When fluctuation-associated mutations were analyzed by mutation type, deletions were found to be associated with infection fluctuations at frequencies higher than expected by chance. The fluctuations were associated with 40% of the deletion mutations identified, compared to non-deleting mutations accounting for only 12% of all non-deletion mutations identified in the SARS-CoV-2 genome. These deletions were also found only in the NTD region of the spike protein, suggesting a correlation between NTD-associated deletion mutations and increased virus transmission.
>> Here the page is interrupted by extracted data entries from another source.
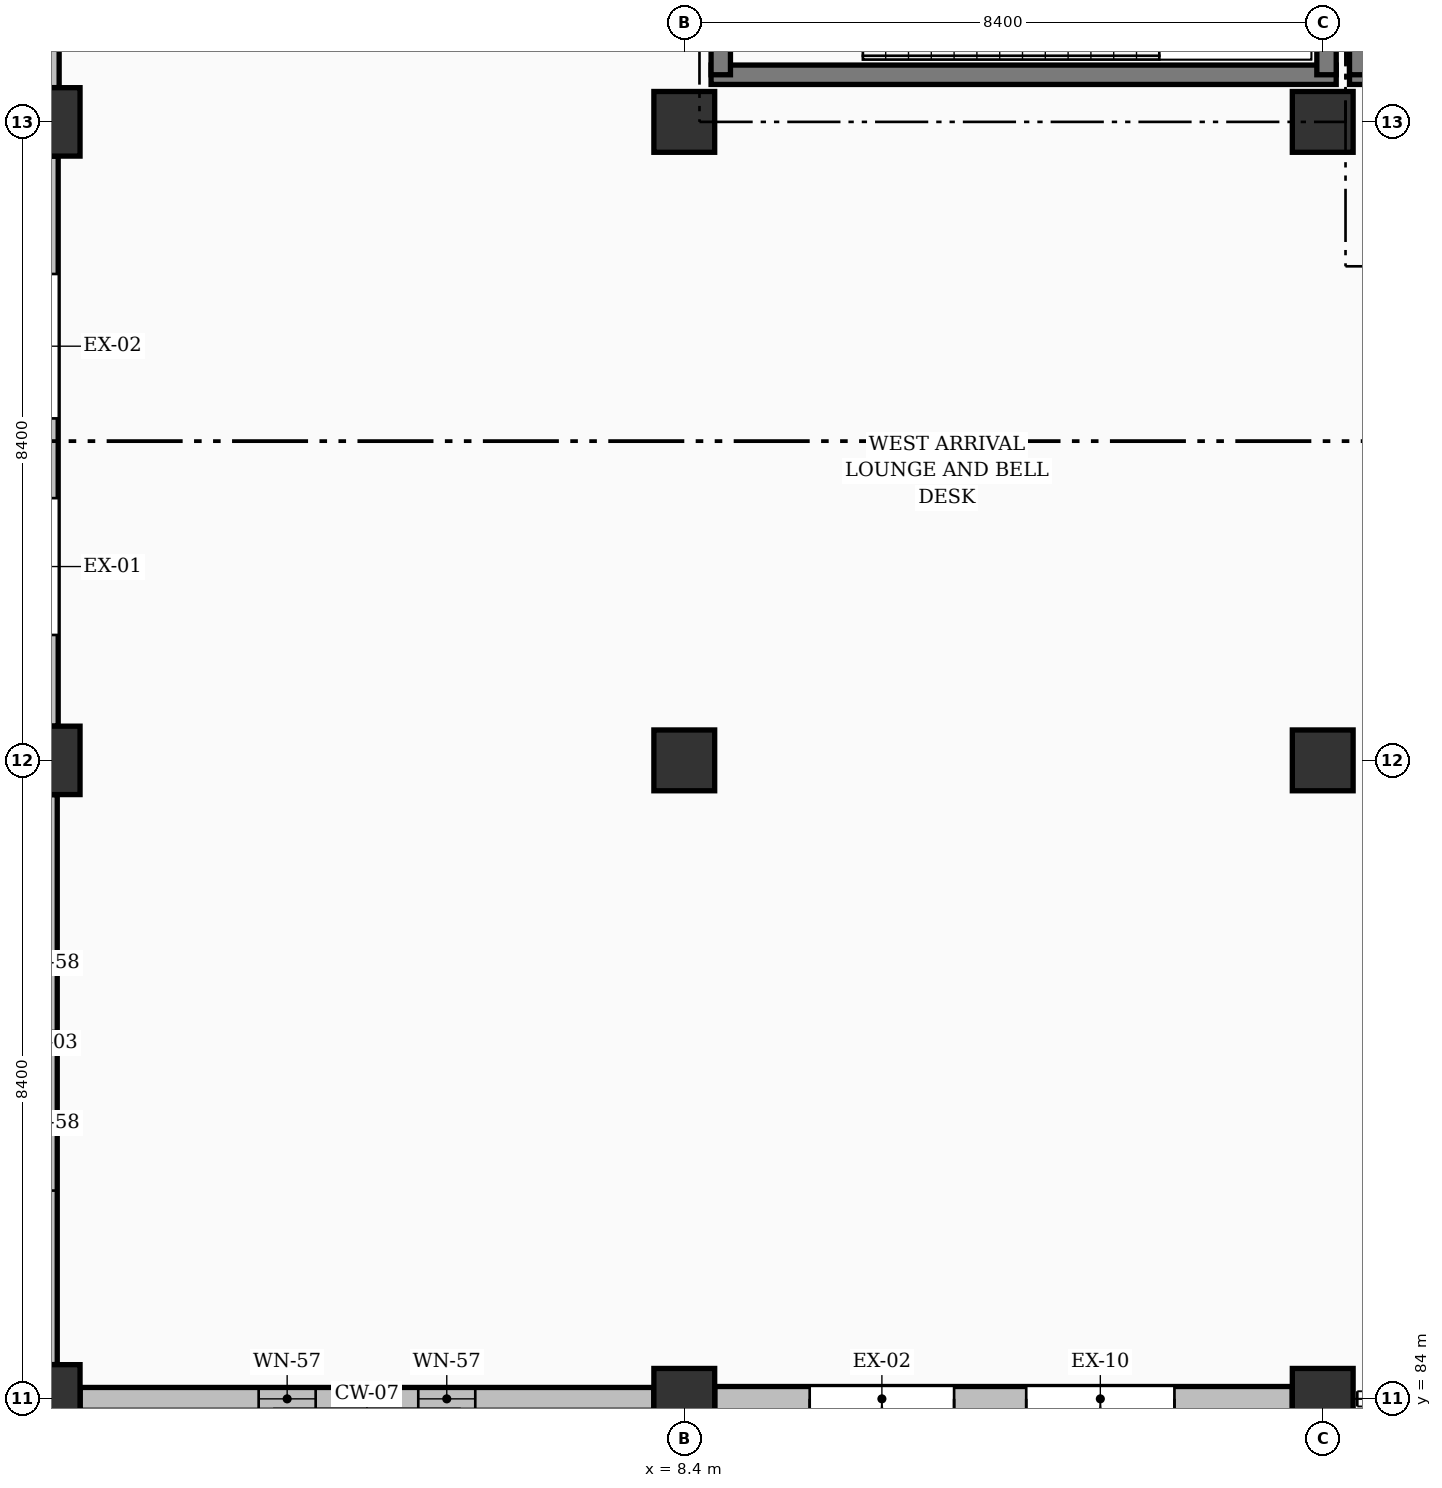
"""IFC4 building model, lengths in metres.
Left out: names, types, materials, properties, quantities, classifications, styles, units other than length and angle.
Written with IfcOpenShell. Run it as: python <this file> out.ifc"""

import sys

from ifc_helpers import new_model, si_unit, direction, frame, frame_2d, origin, origin_2d, place, context, subcontext, project, spatial, rectangle, extrude, element, fill, save


model = new_model("IFC4")
c1 = context("Model", 3, precision=1e-05, world=origin(), true_north=direction((0.0, 1.0)))
c2 = subcontext(c1, "Body", "Model", "MODEL_VIEW")
j1 = project(units=[si_unit("LENGTHUNIT", "METRE"), si_unit("PLANEANGLEUNIT", "RADIAN")], contexts=[c1])
p1 = place(None, origin())
s1 = spatial("IfcSite", under=j1, at=p1, CompositionType="ELEMENT")
p2 = place(p1, origin())
s2 = spatial("IfcBuilding", under=s1, at=p2, CompositionType="ELEMENT")
p3 = place(p2, origin())
s3 = spatial("IfcBuildingStorey", under=s2, at=p3, CompositionType="ELEMENT", Elevation=0.0)
for number, where, z_axis, x_axis in (
    (1, (0.0, 84.0, 0.0), (0.0, 0.0, 1.0), (1.0, 0.0, 0.0)),
    (2, (0.0, 92.4, 0.0), (0.0, 0.0, 1.0), (1.0, 0.0, 0.0)),
    (3, (0.0, 100.8, 0.0), (0.0, 0.0, 1.0), (1.0, 0.0, 0.0)),
):
    element("IfcColumn", number, at=place(p3, frame(where, z_axis=z_axis, x_axis=x_axis)), inside=s3, PredefinedType="COLUMN", context=c2, shape_type="SweptSolid", body=[
        extrude(rectangle(XDim=0.9, YDim=0.9, at=origin_2d()), origin(), (0.0, 0.0, 1.0), 3.92),
    ])
for number, where, z_axis, x_axis in (
    (4, (8.4, 84.0, 0.0), (0.0, 0.0, 1.0), (1.0, 0.0, 0.0)),
    (5, (8.4, 92.4, 0.0), (0.0, 0.0, 1.0), (1.0, 0.0, 0.0)),
    (6, (8.4, 100.8, 0.0), (0.0, 0.0, 1.0), (1.0, 0.0, 0.0)),
    (7, (16.8, 84.0, 0.0), (0.0, 0.0, 1.0), (1.0, 0.0, 0.0)),
    (8, (16.8, 92.4, 0.0), (0.0, 0.0, 1.0), (1.0, 0.0, 0.0)),
    (9, (16.8, 100.8, 0.0), (0.0, 0.0, 1.0), (1.0, 0.0, 0.0)),
):
    element("IfcColumn", number, at=place(p3, frame(where, z_axis=z_axis, x_axis=x_axis)), inside=s3, PredefinedType="COLUMN", context=c2, shape_type="SweptSolid", body=[
        extrude(rectangle(XDim=0.8, YDim=0.8, at=origin_2d()), origin(), (0.0, 0.0, 1.0), 3.92),
    ])
p4 = place(p3, frame((0.451, 84.0, 0.0), z_axis=(0.0, 0.0, 1.0), x_axis=(1.0, 0.0, 0.0)))
e10 = element("IfcWall", 10, at=p4, inside=s3, PredefinedType="SOLIDWALL", context=c2, shape_type="SweptSolid", body=[
    extrude(rectangle(XDim=7.548, YDim=0.3, at=frame_2d((3.774, 0.0))), origin(), (0.0, 0.0, 1.0), 2.825),
])
p5 = place(p4, frame((2.349, 0.0, 0.3)))
e11 = element("IfcOpeningElement", 11, at=p5, cuts=e10, PredefinedType="OPENING", context=c2, shape_type="SweptSolid", body=[
    extrude(rectangle(XDim=0.75, YDim=2.15, at=frame_2d((0.375, 1.075))), frame((0.0, 0.16, 0.0), z_axis=(0.0, -1.0, 0.0), x_axis=(1.0, 0.0, 0.0)), (0.0, 0.0, 1.0), 0.32),
])
p6 = place(p4, frame((4.449, 0.0, 0.3)))
e12 = element("IfcOpeningElement", 12, at=p6, cuts=e10, PredefinedType="OPENING", context=c2, shape_type="SweptSolid", body=[
    extrude(rectangle(XDim=0.75, YDim=2.15, at=frame_2d((0.375, 1.075))), frame((0.0, 0.16, 0.0), z_axis=(0.0, -1.0, 0.0), x_axis=(1.0, 0.0, 0.0)), (0.0, 0.0, 1.0), 0.32),
])
p7 = place(p3, frame((8.801, 84.0, 0.0), z_axis=(0.0, 0.0, 1.0), x_axis=(1.0, 0.0, 0.0)))
e13 = element("IfcWall", 13, at=p7, inside=s3, PredefinedType="SOLIDWALL", context=c2, shape_type="SweptSolid", body=[
    extrude(rectangle(XDim=7.598, YDim=0.325, at=frame_2d((3.799, 0.0))), origin(), (0.0, 0.0, 1.0), 2.825),
])
p8 = place(p7, frame((1.249, 0.0, 0.0)))
e14 = element("IfcOpeningElement", 14, at=p8, cuts=e13, PredefinedType="OPENING", context=c2, shape_type="SweptSolid", body=[
    extrude(rectangle(XDim=1.9, YDim=2.2, at=frame_2d((0.95, 1.1))), frame((0.0, 0.172, 0.0), z_axis=(0.0, -1.0, 0.0), x_axis=(1.0, 0.0, 0.0)), (0.0, 0.0, 1.0), 0.345),
])
p9 = place(p7, frame((4.098, 0.0, 0.0)))
e15 = element("IfcOpeningElement", 15, at=p9, cuts=e13, PredefinedType="OPENING", context=c2, shape_type="SweptSolid", body=[
    extrude(rectangle(XDim=1.95, YDim=2.25, at=frame_2d((0.975, 1.125))), frame((0.0, 0.172, 0.0), z_axis=(0.0, -1.0, 0.0), x_axis=(1.0, 0.0, 0.0)), (0.0, 0.0, 1.0), 0.345),
])
p10 = place(p3, frame((0.0, 84.451, 0.0), z_axis=(0.0, 0.0, 1.0), x_axis=(0.0, 1.0, 0.0)))
e16 = element("IfcWall", 16, at=p10, inside=s3, PredefinedType="SOLIDWALL", context=c2, shape_type="SweptSolid", body=[
    extrude(rectangle(XDim=7.498, YDim=0.3, at=frame_2d((3.749, 0.0))), origin(), (0.0, 0.0, 1.0), 2.975),
])
p11 = place(p10, frame((2.289, 0.0, 0.3)))
e17 = element("IfcOpeningElement", 17, at=p11, cuts=e16, PredefinedType="OPENING", context=c2, shape_type="SweptSolid", body=[
    extrude(rectangle(XDim=0.82, YDim=2.15, at=frame_2d((0.41, 1.075))), frame((0.0, 0.16, 0.0), z_axis=(0.0, -1.0, 0.0), x_axis=(1.0, 0.0, 0.0)), (0.0, 0.0, 1.0), 0.32),
])
p12 = place(p10, frame((4.389, 0.0, 0.3)))
e18 = element("IfcOpeningElement", 18, at=p12, cuts=e16, PredefinedType="OPENING", context=c2, shape_type="SweptSolid", body=[
    extrude(rectangle(XDim=0.82, YDim=2.15, at=frame_2d((0.41, 1.075))), frame((0.0, 0.16, 0.0), z_axis=(0.0, -1.0, 0.0), x_axis=(1.0, 0.0, 0.0)), (0.0, 0.0, 1.0), 0.32),
])
p13 = place(p3, frame((0.0, 92.851, 0.0), z_axis=(0.0, 0.0, 1.0), x_axis=(0.0, 1.0, 0.0)))
e19 = element("IfcWall", 19, at=p13, inside=s3, PredefinedType="SOLIDWALL", context=c2, shape_type="SweptSolid", body=[
    extrude(rectangle(XDim=7.498, YDim=0.325, at=frame_2d((3.749, 0.0))), origin(), (0.0, 0.0, 1.0), 2.775),
])
p14 = place(p13, frame((1.199, 0.0, 0.0)))
e20 = element("IfcOpeningElement", 20, at=p14, cuts=e19, PredefinedType="OPENING", context=c2, shape_type="SweptSolid", body=[
    extrude(rectangle(XDim=1.8, YDim=2.2, at=frame_2d((0.9, 1.1))), frame((0.0, 0.172, 0.0), z_axis=(0.0, -1.0, 0.0), x_axis=(1.0, 0.0, 0.0)), (0.0, 0.0, 1.0), 0.345),
])
p15 = place(p13, frame((4.048, 0.0, 0.0)))
e21 = element("IfcOpeningElement", 21, at=p15, cuts=e19, PredefinedType="OPENING", context=c2, shape_type="SweptSolid", body=[
    extrude(rectangle(XDim=1.9, YDim=2.2, at=frame_2d((0.95, 1.1))), frame((0.0, 0.172, 0.0), z_axis=(0.0, -1.0, 0.0), x_axis=(1.0, 0.0, 0.0)), (0.0, 0.0, 1.0), 0.345),
])
p16 = place(p3, frame((0.0, 101.251, 0.0), z_axis=(0.0, 0.0, 1.0), x_axis=(0.0, 1.0, 0.0)))
e22 = element("IfcWall", 22, at=p16, inside=s3, PredefinedType="SOLIDWALL", context=c2, shape_type="SweptSolid", body=[
    extrude(rectangle(XDim=7.498, YDim=0.35, at=frame_2d((3.749, 0.0))), origin(), (0.0, 0.0, 1.0), 2.975),
])
p17 = place(p16, frame((2.279, 0.0, 0.3)))
e23 = element("IfcOpeningElement", 23, at=p17, cuts=e22, PredefinedType="OPENING", context=c2, shape_type="SweptSolid", body=[
    extrude(rectangle(XDim=0.84, YDim=1.75, at=frame_2d((0.42, 0.875))), frame((0.0, 0.185, 0.0), z_axis=(0.0, -1.0, 0.0), x_axis=(1.0, 0.0, 0.0)), (0.0, 0.0, 1.0), 0.37),
])
p18 = place(p16, frame((4.379, 0.0, 0.3)))
e24 = element("IfcOpeningElement", 24, at=p18, cuts=e22, PredefinedType="OPENING", context=c2, shape_type="SweptSolid", body=[
    extrude(rectangle(XDim=0.84, YDim=1.75, at=frame_2d((0.42, 0.875))), frame((0.0, 0.185, 0.0), z_axis=(0.0, -1.0, 0.0), x_axis=(1.0, 0.0, 0.0)), (0.0, 0.0, 1.0), 0.37),
])
p19 = place(p3, frame((8.752, 101.42, 0.0), z_axis=(0.0, 0.0, 1.0), x_axis=(1.0, 0.0, 0.0)))
e25 = element("IfcWall", 25, at=p19, inside=s3, PredefinedType="SOLIDWALL", context=c2, shape_type="SweptSolid", body=[
    extrude(rectangle(XDim=8.225, YDim=0.255, at=frame_2d((4.113, 0.0))), origin(), (0.0, 0.0, 1.0), 3.64),
])
for number, where, z_axis, x_axis in (
    (26, (8.88, 101.42, 0.0), (0.0, 0.0, 1.0), (0.0, 1.0, 0.0)),
    (27, (16.85, 101.42, 0.0), (0.0, 0.0, 1.0), (0.0, 1.0, 0.0)),
):
    element("IfcWall", number, at=place(p3, frame(where, z_axis=z_axis, x_axis=x_axis)), inside=s3, PredefinedType="SOLIDWALL", context=c2, shape_type="SweptSolid", body=[
        extrude(rectangle(XDim=3.73, YDim=0.255, at=frame_2d((1.865, 0.0))), origin(), (0.0, 0.0, 1.0), 3.64),
    ])
p20 = place(p3, frame((17.153, 101.42, 0.0), z_axis=(0.0, 0.0, 1.0), x_axis=(1.0, 0.0, 0.0)))
e28 = element("IfcWall", 28, at=p20, inside=s3, PredefinedType="SOLIDWALL", context=c2, shape_type="SweptSolid", body=[
    extrude(rectangle(XDim=8.225, YDim=0.255, at=frame_2d((4.112, 0.0))), origin(), (0.0, 0.0, 1.0), 3.64),
])
p21 = place(p3, frame((17.28, 101.42, 0.0), z_axis=(0.0, 0.0, 1.0), x_axis=(0.0, 1.0, 0.0)))
e29 = element("IfcWall", 29, at=p21, inside=s3, PredefinedType="SOLIDWALL", context=c2, shape_type="SweptSolid", body=[
    extrude(rectangle(XDim=3.73, YDim=0.255, at=frame_2d((1.865, 0.0))), origin(), (0.0, 0.0, 1.0), 3.64),
])
p22 = place(p5, origin())
e30 = element("IfcWindow", 30, at=p22, inside=s3, PartitioningType="SINGLE_PANEL", PredefinedType="WINDOW", context=c2, shape_type="SweptSolid", body=[
    extrude(rectangle(XDim=0.75, YDim=2.15, at=frame_2d((0.375, 1.075))), frame((0.0, 0.03, 0.0), z_axis=(0.0, -1.0, 0.0), x_axis=(1.0, 0.0, 0.0)), (0.0, 0.0, 1.0), 0.06),
])
fill(e11, e30)
p23 = place(p6, origin())
e31 = element("IfcWindow", 31, at=p23, inside=s3, PartitioningType="SINGLE_PANEL", PredefinedType="WINDOW", context=c2, shape_type="SweptSolid", body=[
    extrude(rectangle(XDim=0.75, YDim=2.15, at=frame_2d((0.375, 1.075))), frame((0.0, 0.03, 0.0), z_axis=(0.0, -1.0, 0.0), x_axis=(1.0, 0.0, 0.0)), (0.0, 0.0, 1.0), 0.06),
])
fill(e12, e31)
p24 = place(p8, frame((1.9, 0.0, 0.0), z_axis=(0.0, 0.0, 1.0), x_axis=(-1.0, 0.0, 0.0)))
e32 = element("IfcDoor", 32, at=p24, inside=s3, OperationType="DOUBLE_DOOR_SINGLE_SWING", PredefinedType="DOOR", context=c2, shape_type="SweptSolid", body=[
    extrude(rectangle(XDim=1.9, YDim=2.2, at=frame_2d((0.95, 1.1))), frame((0.0, 0.025, 0.0), z_axis=(0.0, -1.0, 0.0), x_axis=(1.0, 0.0, 0.0)), (0.0, 0.0, 1.0), 0.05),
])
fill(e14, e32)
p25 = place(p9, frame((1.95, 0.0, 0.0), z_axis=(0.0, 0.0, 1.0), x_axis=(-1.0, 0.0, 0.0)))
e33 = element("IfcDoor", 33, at=p25, inside=s3, OperationType="DOUBLE_DOOR_SINGLE_SWING", PredefinedType="DOOR", context=c2, shape_type="SweptSolid", body=[
    extrude(rectangle(XDim=1.95, YDim=2.25, at=frame_2d((0.975, 1.125))), frame((0.0, 0.025, 0.0), z_axis=(0.0, -1.0, 0.0), x_axis=(1.0, 0.0, 0.0)), (0.0, 0.0, 1.0), 0.05),
])
fill(e15, e33)
save(model, sys.argv[1])

A temporal assessment of the prevalence of deletion mutations also showed that regions containing deletion mutations flanking the antigenic region in the NTD were also expanded; this may contribute to the evolution of variants with immune avoidance and increased transmission. Annotated whole-genome sequences of SARS-CoV-2 from patients with breakthrough infections revealed 107 unique mutations, including 29 deletions and 78 substitutions. between 85 deletions^pearl and 90^pearl Residues in the B-cell epitope region were identified in five patients and are thought to have appeared since December 2020.

solution

Overall, the results suggested that expanding regions and increased deletion frequencies, particularly in the antigenic regions surrounding the NTD spike protein, may drive the evolution of SARS-CoV-2 variants with increased transmission and immune-escaping abilities.